The chaos did not end in Rome. On the way to our hotel in Venice, we missed our stop and struggled to explain to the Italian driver that we needed to get off the bus. He hit the brakes, pulled to the side of the road, and opened the door. The locals laughed as they watched the six of us stumble across four lanes of traffic, dragging our rolling suitcases through the grass median and screaming in response to the vicious dog barking from behind a thin wire fence.

Our quality of life improved drastically in Venice. We stayed in a real hotel – even if it did have communal bathrooms. An impressive luxury. We spent time lost in the streets of the beautiful canal city, stumbling upon tiny boutiques with handcrafted jewelry and a little restaurant where the chef came out and personally recommended his world-class tiramisu.

In Florence, we were determined to navigate the city efficiently – and we succeeded. We located our hostel and just five minutes into checking in, we were handed 40 oz. beers and told that our stay included free breakfast, dinner, and…all-you-can drink wine and beer. That night, after a delicious pasta feast and several glasses of red wine, the hostel employees took us on a bar crawl around the city. And crawl we did.

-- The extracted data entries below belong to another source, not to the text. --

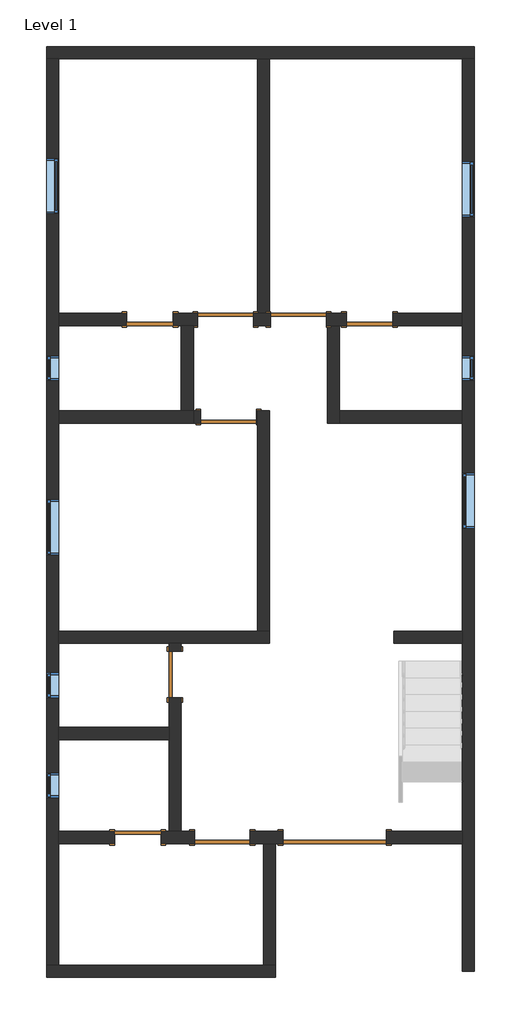
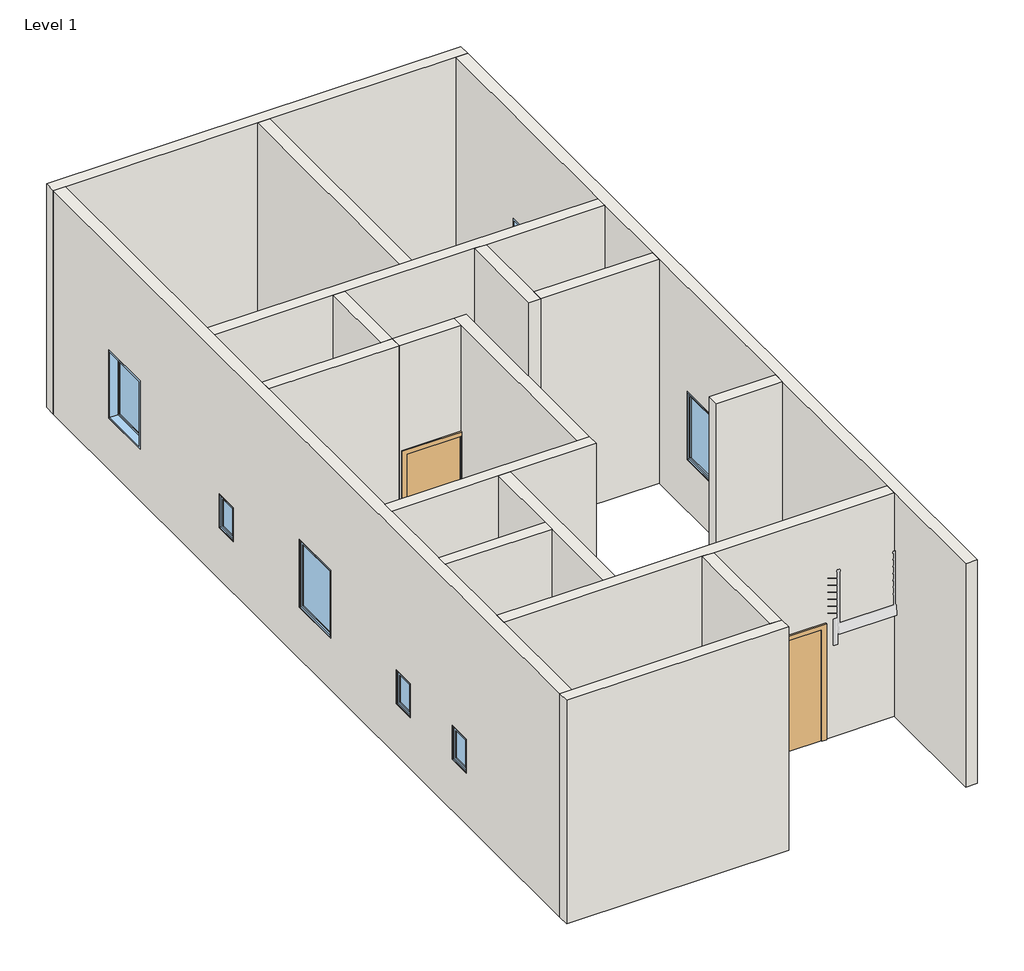
# One storey, part 1 of 2: 18 walls, 9 doors, 8 windows.
"""IFC4 building model written with IfcOpenShell, lengths in millimetres."""

from ifc_helpers import new_model, si_unit, frame, origin, origin_with_axes, place, context, project, spatial, polyline, outline, extrude, faceted_brep, transform, mapped, element, save
from components import m_door_double_flush_panel_double_acting_1700_x_2000mm_0a6d9c7f, m_single_flush_0762_x_2032mm_0c256fab, m_single_flush_0762_x_2032mm_7341a4fb, m_single_flush_0915_x_2032mm_26613924, m_single_flush_0915_x_2032mm_7267827e, m_single_flush_0915_x_2134mm_727434cd, m_fixed_0406_x_0610mm_8205b201, m_fixed_0915_x_1220mm_488fb2fb

model = new_model("IFC4")

# Units and contexts
model_context = context("Model", 3, world=origin())
ifc_project = project(units=[si_unit("LENGTHUNIT", "METRE", prefix="MILLI")], contexts=[model_context])

# Site, building, storey
site = spatial("IfcSite", under=ifc_project)
building = spatial("IfcBuilding", under=site)
storey = spatial("IfcBuildingStorey", under=building, Name="Level 1", Elevation=0.0)

# Doors
placement = place(None, origin())
m_door_double_flush_panel_double_acting_1700_x_2000mm_shape = m_door_double_flush_panel_double_acting_1700_x_2000mm_0a6d9c7f(model_context)
element("IfcDoor", 1, ObjectType="M_Door-Double-Flush_Panel-Double-Acting : 1700 x 2000mm", at=placement, inside=storey, context=model_context, shape_type="MappedRepresentation", body=[
    mapped(m_door_double_flush_panel_double_acting_1700_x_2000mm_shape, transform((-2797.9065777, -2525.6397347, 0.0), x_axis=(-1.0, 0.0, 0.0), y_axis=(0.0, -1.0, 0.0), z_axis=(0.0, 0.0, 1.0))),
])
m_single_flush_0762_x_2032mm_shape = m_single_flush_0762_x_2032mm_0c256fab(model_context)
element("IfcDoor", 2, ObjectType="M_Single-Flush : 0762 x 2032mm", at=placement, inside=storey, context=model_context, shape_type="MappedRepresentation", body=[
    mapped(m_single_flush_0762_x_2032mm_shape, transform((-6025.3065777, -2525.6397347, 0.0), x_axis=(1.0, 0.0, 0.0), y_axis=(0.0, 1.0, 0.0), z_axis=(0.0, 0.0, 1.0))),
])
element("IfcDoor", 3, ObjectType="M_Single-Flush : 0762 x 2032mm", at=placement, inside=storey, context=model_context, shape_type="MappedRepresentation", body=[
    mapped(m_single_flush_0762_x_2032mm_shape, transform((-5415.7065777, 141.3602653, 0.0), x_axis=(0.0, 1.0, 0.0), y_axis=(-1.0, 0.0, 0.0), z_axis=(0.0, 0.0, 1.0))),
])
element("IfcDoor", 4, ObjectType="M_Single-Flush : 0762 x 2032mm", at=placement, inside=storey, context=model_context, shape_type="MappedRepresentation", body=[
    mapped(m_single_flush_0762_x_2032mm_shape, transform((-2227.9565777, 5954.7602653, 0.0), x_axis=(-1.0, 0.0, 0.0), y_axis=(0.0, -1.0, 0.0), z_axis=(0.0, 0.0, 1.0))),
])
m_single_flush_0762_x_2032mm_2_shape = m_single_flush_0762_x_2032mm_7341a4fb(model_context)
element("IfcDoor", 5, ObjectType="M_Single-Flush : 0762 x 2032mm", at=placement, inside=storey, context=model_context, shape_type="MappedRepresentation", body=[
    mapped(m_single_flush_0762_x_2032mm_2_shape, transform((-5823.7065777, 5954.7602653, 0.0), x_axis=(1.0, 0.0, 0.0), y_axis=(0.0, 1.0, 0.0), z_axis=(0.0, 0.0, 1.0))),
])
m_single_flush_0915_x_2032mm_shape = m_single_flush_0915_x_2032mm_26613924(model_context)
element("IfcDoor", 6, ObjectType="M_Single-Flush : 0915 x 2032mm", at=placement, inside=storey, context=model_context, shape_type="MappedRepresentation", body=[
    mapped(m_single_flush_0915_x_2032mm_shape, transform((-4539.4065777, 4356.1602653, 0.0), x_axis=(1.0, 0.0, 0.0), y_axis=(0.0, 1.0, 0.0), z_axis=(0.0, 0.0, 1.0))),
])
element("IfcDoor", 7, ObjectType="M_Single-Flush : 0915 x 2032mm", at=placement, inside=storey, context=model_context, shape_type="MappedRepresentation", body=[
    mapped(m_single_flush_0915_x_2032mm_shape, transform((-3390.8065777, 5954.7602653, 0.0), x_axis=(-1.0, 0.0, 0.0), y_axis=(0.0, -1.0, 0.0), z_axis=(0.0, 0.0, 1.0))),
])
m_single_flush_0915_x_2032mm_2_shape = m_single_flush_0915_x_2032mm_7267827e(model_context)
element("IfcDoor", 8, ObjectType="M_Single-Flush : 0915 x 2032mm", at=placement, inside=storey, context=model_context, shape_type="MappedRepresentation", body=[
    mapped(m_single_flush_0915_x_2032mm_2_shape, transform((-4588.6065777, 5954.7602653, 0.0), x_axis=(1.0, 0.0, 0.0), y_axis=(0.0, 1.0, 0.0), z_axis=(0.0, 0.0, 1.0))),
])
m_single_flush_0915_x_2134mm_shape = m_single_flush_0915_x_2134mm_727434cd(model_context)
element("IfcDoor", 9, ObjectType="M_Single-Flush : 0915 x 2134mm", at=placement, inside=storey, context=model_context, shape_type="MappedRepresentation", body=[
    mapped(m_single_flush_0915_x_2134mm_shape, transform((-4640.2065777, -2525.6397347, 0.0), x_axis=(1.0, 0.0, 0.0), y_axis=(0.0, 1.0, 0.0), z_axis=(0.0, 0.0, 1.0))),
])

# Walls
element("IfcWall", 10, ObjectType="Generic - 200mm", at=placement, inside=storey, context=model_context, shape_type="Brep", body=[
    faceted_brep([(-7520.7065777, 10221.9602653, 0.0), (-7320.7065777, 10221.9602653, 0.0), (-4063.1065777, 10221.9602653, 0.0), (-3863.1065777, 10221.9602653, 0.0), (-710.3065777, 10221.9602653, 0.0), (-510.3065777, 10221.9602653, 0.0), (-510.3065777, 10221.9602653, 4000.0), (-710.3065777, 10221.9602653, 4000.0), (-3863.1065777, 10221.9602653, 4000.0), (-4063.1065777, 10221.9602653, 4000.0), (-7320.7065777, 10221.9602653, 4000.0), (-7520.7065777, 10221.9602653, 4000.0), (-7520.7065777, 10421.9602653, 0.0), (-7520.7065777, 10421.9602653, 4000.0), (-510.3065777, 10421.9602653, 4000.0), (-510.3065777, 10421.9602653, 0.0)], [[[0, 1, 2, 3, 4, 5, 6, 7, 8, 9, 10, 11]], [[12, 13, 14, 15]], [[5, 4, 3, 2, 1, 0, 12, 15]], [[11, 10, 9, 8, 7, 6, 14, 13]], [[6, 5, 15, 14]], [[0, 11, 13, 12]]]),
])
element("IfcWall", 11, ObjectType="Generic - 200mm", at=placement, inside=storey, context=model_context, shape_type="Brep", body=[
    faceted_brep([(-710.3065777, 10221.9602653, 0.0), (-710.3065777, 6054.7602653, 0.0), (-710.3065777, 5854.7602653, 0.0), (-710.3065777, 4456.1602653, 0.0), (-710.3065777, 4256.1602653, 0.0), (-710.3065777, 850.9602653, 0.0), (-710.3065777, 650.9602653, 0.0), (-710.3065777, -2425.6397347, 0.0), (-710.3065777, -2625.6397347, 0.0), (-710.3065777, -4718.0397347, 0.0), (-710.3065777, -4718.0397347, 4000.0), (-710.3065777, -2625.6397347, 4000.0), (-710.3065777, -2425.6397347, 4000.0), (-710.3065777, 650.9602653, 4000.0), (-710.3065777, 850.9602653, 4000.0), (-710.3065777, 4256.1602653, 4000.0), (-710.3065777, 4456.1602653, 4000.0), (-710.3065777, 5854.7602653, 4000.0), (-710.3065777, 6054.7602653, 4000.0), (-710.3065777, 10221.9602653, 4000.0), (-710.3065777, 5358.4602653, 915.0), (-710.3065777, 5358.4602653, 1525.0), (-710.3065777, 4952.4602653, 1525.0), (-710.3065777, 4952.4602653, 915.0), (-710.3065777, 8545.0602653, 915.0), (-710.3065777, 8545.0602653, 2135.0), (-710.3065777, 7630.0602653, 2135.0), (-710.3065777, 7630.0602653, 915.0), (-710.3065777, 2527.0602653, 2135.0), (-710.3065777, 2527.0602653, 915.0), (-710.3065777, 3442.0602653, 915.0), (-710.3065777, 3442.0602653, 2135.0), (-510.3065777, -4718.0397347, 0.0), (-510.3065777, 10221.9602653, 0.0), (-510.3065777, 10221.9602653, 4000.0), (-510.3065777, -4718.0397347, 4000.0), (-510.3065777, 5358.4602653, 1525.0), (-510.3065777, 5358.4602653, 915.0), (-510.3065777, 4952.4602653, 915.0), (-510.3065777, 4952.4602653, 1525.0), (-510.3065777, 8545.0602653, 2135.0), (-510.3065777, 8545.0602653, 915.0), (-510.3065777, 7630.0602653, 915.0), (-510.3065777, 7630.0602653, 2135.0), (-510.3065777, 2527.0602653, 915.0), (-510.3065777, 2527.0602653, 2135.0), (-510.3065777, 3442.0602653, 2135.0), (-510.3065777, 3442.0602653, 915.0)], [[[0, 1, 2, 3, 4, 5, 6, 7, 8, 9, 10, 11, 12, 13, 14, 15, 16, 17, 18, 19], [20, 21, 22, 23], [24, 25, 26, 27], [28, 29, 30, 31]], [[32, 33, 34, 35], [36, 37, 38, 39], [40, 41, 42, 43], [44, 45, 46, 47]], [[9, 8, 7, 6, 5, 4, 3, 2, 1, 0, 33, 32]], [[10, 9, 32, 35]], [[19, 18, 17, 16, 15, 14, 13, 12, 11, 10, 35, 34]], [[0, 19, 34, 33]], [[21, 20, 37, 36]], [[22, 21, 36, 39]], [[23, 22, 39, 38]], [[20, 23, 38, 37]], [[24, 41, 40, 25]], [[25, 40, 43, 26]], [[26, 43, 42, 27]], [[41, 24, 27, 42]], [[45, 44, 29, 28]], [[46, 45, 28, 31]], [[47, 46, 31, 30]], [[44, 47, 30, 29]]]),
])
element("IfcWall", 12, ObjectType="Generic - 200mm", at=placement, inside=storey, context=model_context, shape_type="Brep", body=[
    faceted_brep([(-3764.7065777, -4618.0397347, 0.0), (-3964.7065777, -4618.0397347, 0.0), (-7320.7065777, -4618.0397347, 0.0), (-7520.7065777, -4618.0397347, 0.0), (-7520.7065777, -4618.0397347, 4000.0), (-7320.7065777, -4618.0397347, 4000.0), (-3964.7065777, -4618.0397347, 4000.0), (-3764.7065777, -4618.0397347, 4000.0), (-3764.7065777, -4818.0397347, 0.0), (-3764.7065777, -4818.0397347, 4000.0), (-7520.7065777, -4818.0397347, 4000.0), (-7520.7065777, -4818.0397347, 0.0)], [[[0, 1, 2, 3, 4, 5, 6, 7]], [[8, 9, 10, 11]], [[3, 2, 1, 0, 8, 11]], [[7, 6, 5, 4, 10, 9]], [[4, 3, 11, 10]], [[0, 7, 9, 8]]]),
])
element("IfcWall", 13, ObjectType="Generic - 200mm", at=placement, inside=storey, context=model_context, shape_type="Brep", body=[
    faceted_brep([(-7320.7065777, -4618.0397347, 0.0), (-7320.7065777, -2625.6397347, 0.0), (-7320.7065777, -2425.6397347, 0.0), (-7320.7065777, -923.8397347, 0.0), (-7320.7065777, -723.8397347, 0.0), (-7320.7065777, 650.9602653, 0.0), (-7320.7065777, 850.9602653, 0.0), (-7320.7065777, 4256.1602653, 0.0), (-7320.7065777, 4456.1602653, 0.0), (-7320.7065777, 5854.7602653, 0.0), (-7320.7065777, 6054.7602653, 0.0), (-7320.7065777, 10221.9602653, 0.0), (-7320.7065777, 10221.9602653, 4000.0), (-7320.7065777, 6054.7602653, 4000.0), (-7320.7065777, 5854.7602653, 4000.0), (-7320.7065777, 4456.1602653, 4000.0), (-7320.7065777, 4256.1602653, 4000.0), (-7320.7065777, 850.9602653, 4000.0), (-7320.7065777, 650.9602653, 4000.0), (-7320.7065777, -723.8397347, 4000.0), (-7320.7065777, -923.8397347, 4000.0), (-7320.7065777, -2425.6397347, 4000.0), (-7320.7065777, -2625.6397347, 4000.0), (-7320.7065777, -4618.0397347, 4000.0), (-7320.7065777, 4952.4602653, 915.0), (-7320.7065777, 4952.4602653, 1525.0), (-7320.7065777, 5358.4602653, 1525.0), (-7320.7065777, 5358.4602653, 915.0), (-7320.7065777, -239.4397347, 915.0), (-7320.7065777, -239.4397347, 1525.0), (-7320.7065777, 166.5602653, 1525.0), (-7320.7065777, 166.5602653, 915.0), (-7320.7065777, -1877.7397347, 915.0), (-7320.7065777, -1877.7397347, 1525.0), (-7320.7065777, -1471.7397347, 1525.0), (-7320.7065777, -1471.7397347, 915.0), (-7320.7065777, 2096.0602653, 915.0), (-7320.7065777, 2096.0602653, 2135.0), (-7320.7065777, 3011.0602653, 2135.0), (-7320.7065777, 3011.0602653, 915.0), (-7320.7065777, 8595.8602653, 915.0), (-7320.7065777, 7680.8602653, 915.0), (-7320.7065777, 7680.8602653, 2135.0), (-7320.7065777, 8595.8602653, 2135.0), (-7520.7065777, -4618.0397347, 0.0), (-7520.7065777, -4618.0397347, 4000.0), (-7520.7065777, 10221.9602653, 4000.0), (-7520.7065777, 10221.9602653, 0.0), (-7520.7065777, 4952.4602653, 915.0), (-7520.7065777, 5358.4602653, 915.0), (-7520.7065777, 5358.4602653, 1525.0), (-7520.7065777, 4952.4602653, 1525.0), (-7520.7065777, -239.4397347, 915.0), (-7520.7065777, 166.5602653, 915.0), (-7520.7065777, 166.5602653, 1525.0), (-7520.7065777, -239.4397347, 1525.0), (-7520.7065777, -1877.7397347, 915.0), (-7520.7065777, -1471.7397347, 915.0), (-7520.7065777, -1471.7397347, 1525.0), (-7520.7065777, -1877.7397347, 1525.0), (-7520.7065777, 2096.0602653, 915.0), (-7520.7065777, 3011.0602653, 915.0), (-7520.7065777, 3011.0602653, 2135.0), (-7520.7065777, 2096.0602653, 2135.0), (-7520.7065777, 8595.8602653, 915.0), (-7520.7065777, 8595.8602653, 2135.0), (-7520.7065777, 7680.8602653, 2135.0), (-7520.7065777, 7680.8602653, 915.0)], [[[0, 1, 2, 3, 4, 5, 6, 7, 8, 9, 10, 11, 12, 13, 14, 15, 16, 17, 18, 19, 20, 21, 22, 23], [24, 25, 26, 27], [28, 29, 30, 31], [32, 33, 34, 35], [36, 37, 38, 39], [40, 41, 42, 43]], [[44, 45, 46, 47], [48, 49, 50, 51], [52, 53, 54, 55], [56, 57, 58, 59], [60, 61, 62, 63], [64, 65, 66, 67]], [[11, 10, 9, 8, 7, 6, 5, 4, 3, 2, 1, 0, 44, 47]], [[23, 22, 21, 20, 19, 18, 17, 16, 15, 14, 13, 12, 46, 45]], [[12, 11, 47, 46]], [[0, 23, 45, 44]], [[25, 24, 48, 51]], [[26, 25, 51, 50]], [[27, 26, 50, 49]], [[24, 27, 49, 48]], [[29, 28, 52, 55]], [[30, 29, 55, 54]], [[31, 30, 54, 53]], [[28, 31, 53, 52]], [[33, 32, 56, 59]], [[34, 33, 59, 58]], [[35, 34, 58, 57]], [[32, 35, 57, 56]], [[37, 36, 60, 63]], [[38, 37, 63, 62]], [[39, 38, 62, 61]], [[36, 39, 61, 60]], [[65, 64, 40, 43]], [[66, 65, 43, 42]], [[67, 66, 42, 41]], [[64, 67, 41, 40]]]),
])
element("IfcWall", 14, ObjectType="Generic - 200mm", at=placement, inside=storey, context=model_context, shape_type="Brep", body=[
    faceted_brep([(-5442.7065777, 5854.7602653, 2032.0), (-5442.7065777, 5854.7602653, 0.0), (-5314.1065777, 5854.7602653, 0.0), (-5114.1065777, 5854.7602653, 0.0), (-5046.1065777, 5854.7602653, 0.0), (-5046.1065777, 5854.7602653, 2032.0), (-4131.1065777, 5854.7602653, 2032.0), (-4131.1065777, 5854.7602653, 0.0), (-3848.3065777, 5854.7602653, 0.0), (-3848.3065777, 5854.7602653, 2032.0), (-2933.3065777, 5854.7602653, 2032.0), (-2933.3065777, 5854.7602653, 0.0), (-2918.5065777, 5854.7602653, 0.0), (-2718.5065777, 5854.7602653, 0.0), (-2608.9565777, 5854.7602653, 0.0), (-2608.9565777, 5854.7602653, 2032.0), (-1846.9565777, 5854.7602653, 2032.0), (-1846.9565777, 5854.7602653, 0.0), (-710.3065777, 5854.7602653, 0.0), (-710.3065777, 5854.7602653, 4000.0), (-2718.5065777, 5854.7602653, 4000.0), (-2918.5065777, 5854.7602653, 4000.0), (-5114.1065777, 5854.7602653, 4000.0), (-5314.1065777, 5854.7602653, 4000.0), (-7320.7065777, 5854.7602653, 4000.0), (-7320.7065777, 5854.7602653, 0.0), (-6204.7065777, 5854.7602653, 0.0), (-6204.7065777, 5854.7602653, 2032.0), (-5046.1065777, 6054.7602653, 0.0), (-5442.7065777, 6054.7602653, 0.0), (-5442.7065777, 6054.7602653, 2032.0), (-6204.7065777, 6054.7602653, 2032.0), (-6204.7065777, 6054.7602653, 0.0), (-7320.7065777, 6054.7602653, 0.0), (-7320.7065777, 6054.7602653, 4000.0), (-4063.1065777, 6054.7602653, 4000.0), (-3863.1065777, 6054.7602653, 4000.0), (-710.3065777, 6054.7602653, 4000.0), (-710.3065777, 6054.7602653, 0.0), (-1846.9565777, 6054.7602653, 0.0), (-1846.9565777, 6054.7602653, 2032.0), (-2608.9565777, 6054.7602653, 2032.0), (-2608.9565777, 6054.7602653, 0.0), (-2933.3065777, 6054.7602653, 0.0), (-2933.3065777, 6054.7602653, 2032.0), (-3848.3065777, 6054.7602653, 2032.0), (-3848.3065777, 6054.7602653, 0.0), (-3863.1065777, 6054.7602653, 0.0), (-4063.1065777, 6054.7602653, 0.0), (-4131.1065777, 6054.7602653, 0.0), (-4131.1065777, 6054.7602653, 2032.0), (-5046.1065777, 6054.7602653, 2032.0)], [[[0, 1, 2, 3, 4, 5, 6, 7, 8, 9, 10, 11, 12, 13, 14, 15, 16, 17, 18, 19, 20, 21, 22, 23, 24, 25, 26, 27]], [[28, 29, 30, 31, 32, 33, 34, 35, 36, 37, 38, 39, 40, 41, 42, 43, 44, 45, 46, 47, 48, 49, 50, 51]], [[8, 7, 49, 48, 47, 46]], [[39, 38, 18, 17]], [[43, 42, 14, 13, 12, 11]], [[26, 25, 33, 32]], [[4, 3, 2, 1, 29, 28]], [[24, 23, 22, 21, 20, 19, 37, 36, 35, 34]], [[19, 18, 38, 37]], [[25, 24, 34, 33]], [[9, 8, 46, 45]], [[10, 9, 45, 44]], [[11, 10, 44, 43]], [[50, 49, 7, 6]], [[51, 50, 6, 5]], [[28, 51, 5, 4]], [[15, 14, 42, 41]], [[16, 15, 41, 40]], [[17, 16, 40, 39]], [[30, 29, 1, 0]], [[31, 30, 0, 27]], [[32, 31, 27, 26]]]),
])
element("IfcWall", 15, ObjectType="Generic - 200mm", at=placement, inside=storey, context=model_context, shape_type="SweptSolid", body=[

Our final Italian destination was Milan, which may have been our most inefficient stop of them all. The painting, The Last Supper, was “on strike,” according to locals and the all of the famous clothing stores were closed for Holy Week. On Easter Sunday, we sat in the hotel lobby, devoured pizza from the only open local restaurant, and watched The Dead Poets Society dubbed in Italian.

As we prepared to board a flight back to Spain, one friend realized she had brought the wrong ticket. With just minutes before the flight boarded, she joined us, out of breath but with a one-way ticket back to Spain in hand. We landed in Madrid exhausted with pizza, pasta, and gelato in our stomachs and a jumbled mess of Spanish, English, and Italian in our minds.